Los consultados afirman que no existía temor a acudir a estas reuniones musiqueras, que a esas alturas ellos no formaban parte de los problemas del régimen. “La policía no estaba muy pendiente de los melenudos. No formábamos parte de la escuadra politizada. Éramos antidogmáticos. Estábamos más cerca de los planteamientos anarquistas que de los socialistas y comunistas, que era la gente que quería tener controlada el régimen. Nos interesaba más Frank Zappa que los grupos politizados”, señala Jordi Turtós.
Además de la gravedad del escenario resultan especialmente interesantes algunas imágenes, como Roger Waters (bajo y voz) azotando violentamente el gong mientras Gilmour tortura a su guitarra practicando el slide con un dedal de metal en Saucerful Of Secrets. O una interpretación de Seamus, un blues integrado en el disco Meddle que en el documental se rebautizó como Mademoiselle Nobs, ya que así, Nobs, se llamaba el perro que canta la pieza; literal, ya que Richard Wright se encarga de colocar el micrófono cerca de la boca del can mientras ladra para acompasarse a la armónica de Gilmour.

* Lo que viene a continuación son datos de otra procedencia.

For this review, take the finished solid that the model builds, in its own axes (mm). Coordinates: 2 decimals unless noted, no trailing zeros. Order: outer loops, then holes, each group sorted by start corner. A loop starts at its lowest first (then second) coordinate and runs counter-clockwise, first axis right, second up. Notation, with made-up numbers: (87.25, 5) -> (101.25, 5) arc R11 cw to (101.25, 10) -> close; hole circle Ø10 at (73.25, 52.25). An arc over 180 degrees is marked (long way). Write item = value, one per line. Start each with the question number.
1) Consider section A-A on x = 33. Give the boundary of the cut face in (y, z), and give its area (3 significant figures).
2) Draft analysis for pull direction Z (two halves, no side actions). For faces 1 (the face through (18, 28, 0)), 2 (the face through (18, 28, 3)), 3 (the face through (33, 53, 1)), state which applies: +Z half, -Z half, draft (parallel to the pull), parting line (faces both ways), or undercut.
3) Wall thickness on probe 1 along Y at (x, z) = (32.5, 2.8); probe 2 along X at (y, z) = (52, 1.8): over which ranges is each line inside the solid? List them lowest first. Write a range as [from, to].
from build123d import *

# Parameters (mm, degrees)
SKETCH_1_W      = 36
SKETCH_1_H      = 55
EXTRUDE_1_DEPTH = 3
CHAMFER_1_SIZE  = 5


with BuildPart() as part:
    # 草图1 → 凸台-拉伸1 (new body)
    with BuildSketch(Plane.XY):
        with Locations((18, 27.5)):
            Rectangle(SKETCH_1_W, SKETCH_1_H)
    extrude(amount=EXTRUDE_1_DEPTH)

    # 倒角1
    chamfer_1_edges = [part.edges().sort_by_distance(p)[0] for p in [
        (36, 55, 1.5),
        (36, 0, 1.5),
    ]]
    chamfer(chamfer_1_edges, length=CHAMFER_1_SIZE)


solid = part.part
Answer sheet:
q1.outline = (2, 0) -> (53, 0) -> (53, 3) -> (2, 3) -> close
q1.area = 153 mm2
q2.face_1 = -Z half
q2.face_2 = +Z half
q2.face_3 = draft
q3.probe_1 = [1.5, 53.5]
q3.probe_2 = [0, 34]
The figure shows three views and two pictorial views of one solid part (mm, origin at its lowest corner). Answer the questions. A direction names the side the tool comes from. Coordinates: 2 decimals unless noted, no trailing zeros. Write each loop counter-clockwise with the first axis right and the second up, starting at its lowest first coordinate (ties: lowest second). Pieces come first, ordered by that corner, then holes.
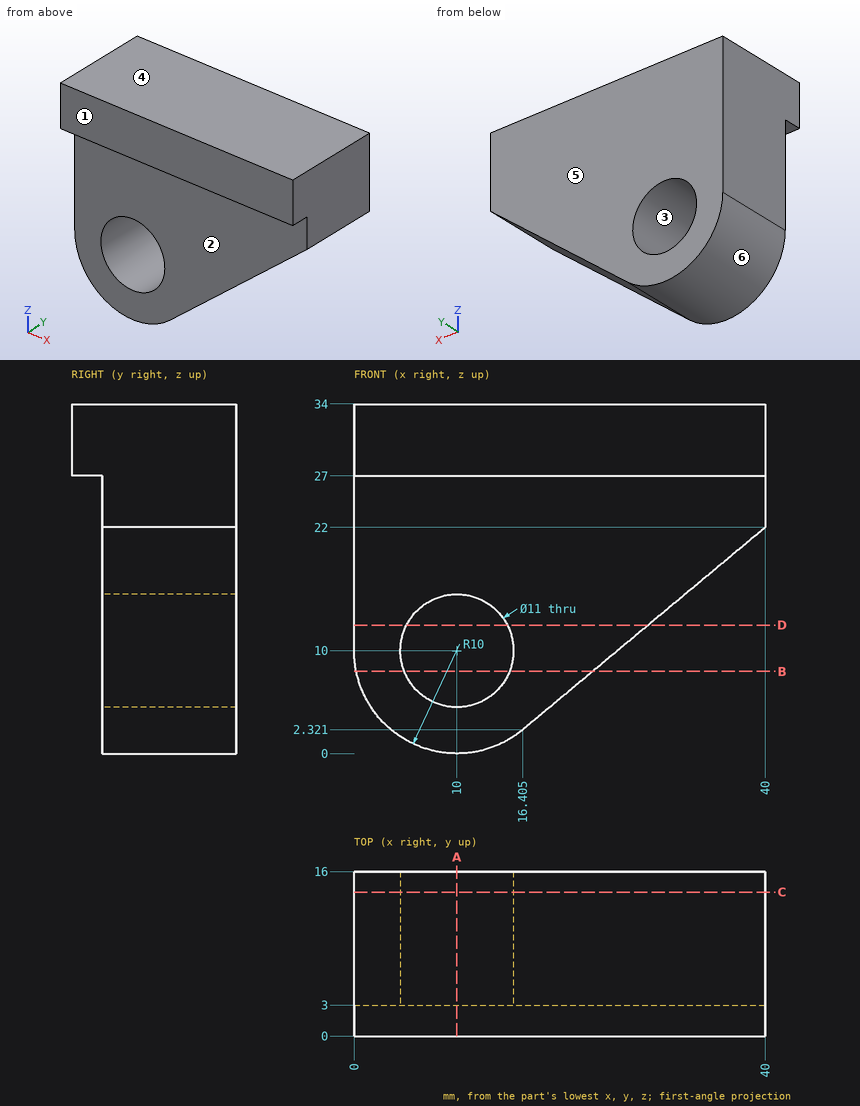
Q1. Which of the six approach directions +Z, -Z, +X, -X, +Y, -Y give full straight-line access (tool end or side, diameter ignored) to the marked faces 1 and 2?
Answers below:
face 1: +Z, -Z, +X, -X, -Y
face 2: -Z, +X, -X, -Y
Q2. Determine the mould class of the marked faces 3, 4, 5 and 6 for opening direction Z: released by +Z, released by -Z, zero draft, split by the parting line, or undercut.
Answers below:
face 3: undercut
face 4: released by +Z
face 5: zero draft
face 6: released by -Z
Q3. The part is cut by section C-C, the plane y = 14. Write down the section's boundary in (x, z) (1 decimal), then the cut area to 3 significant figures.
Answers below:
outline: (0, 10) arc R10 ccw to (16.4, 2.3) - (40, 22) - (40, 34) - (0, 34) - close; hole circle Ø11 at (10, 10)
area: 952 mm2
Q4. The part is cut by section D-D, the plane z = 12.5. Write down the section's boundary in (x, y).
Answers below:
outline: (0, 3) - (5.1, 3) - (5.1, 16) - (0, 16) - close; (14.9, 3) - (28.61, 3) - (28.61, 16) - (14.9, 16) - close
Q5. The part is cut by section B-B, the plane z = 8. Write down the section's boundary in (x, y) (1 decimal), then the cut area to 3 significant figures.
Answers below:
outline: (0.2, 3) - (4.9, 3) - (4.9, 16) - (0.2, 16) - close; (15.1, 3) - (23.2, 3) - (23.2, 16) - (15.1, 16) - close
area: 166 mm2
Q6. The part is cut by section A-A, the plane x = 10. Write down the section's boundary in (y, z), then the cut area to 3 significant figures.
Answers below:
outline: (0, 27) - (3, 27) - (3, 15.5) - (16, 15.5) - (16, 34) - (0, 34) - close; (3, 0) - (16, 0) - (16, 4.5) - (3, 4.5) - close
area: 320 mm2
Q7. Find the intervals of material crossed by probe 1 along X at (y, z) = (12.5, 8.5) (1 decimal); probe 2 along Y at (x, z) = (5.5, 15); probe 3 along X at (y, z) = (12.75, 6.5) (1 decimal), in increasing order.
Answers below:
probe 1: x = 0.1 to 4.7, 15.3 to 23.8
probe 2: y = 3 to 16
probe 3: x = 0.6 to 5.8, 14.2 to 21.4
Q8. Given pin 1 (8 mm diameter, centred on y = 7, z = 12.5, fed in from +X) (1 decimal); pin 2 (8 mm diameter, centred on x = 17, z = 13, fed in from -Y); pin 3 (0.9 mm diameter, centred on x = 27.5, y = 2, fed in from -Z), each flat-ended and moving along its own axis, determine where each tip first touches the part or whether it passes through.
Answers below:
pin 1: stops at x = 33.4
pin 2: stops at y = 3
pin 3: stops at z = 27

Aunque Live at Pompeii arrastró al cine a mucha gente en Estados Unidos, el grupo no quedó del todo feliz. “Resultó muy decepcionante en términos económicos”, apuntó el batería, Nick Mason, en su libro Dentro de Pink Floyd. El más pejiguero esta vez no fue Roger Waters, sino David Gilmour, que señaló años después: “Es la clase de película que deberían poner solo una vez y de madrugada”. Lo curioso, o quizá precisamente por esta aversión a la original, es que Gilmour repitió la experiencia en 2017: actuó en el anfiteatro de Pompeya pero, esta vez, eso sí, con público.
Algunos de los que vieron el concierto en aquella dictadura agonizante podrán repetir en 2025 en una situación muy distinta. Una de las variaciones será que en lugar de un cenicero en el brazo de la butaca tendrán un posavasos.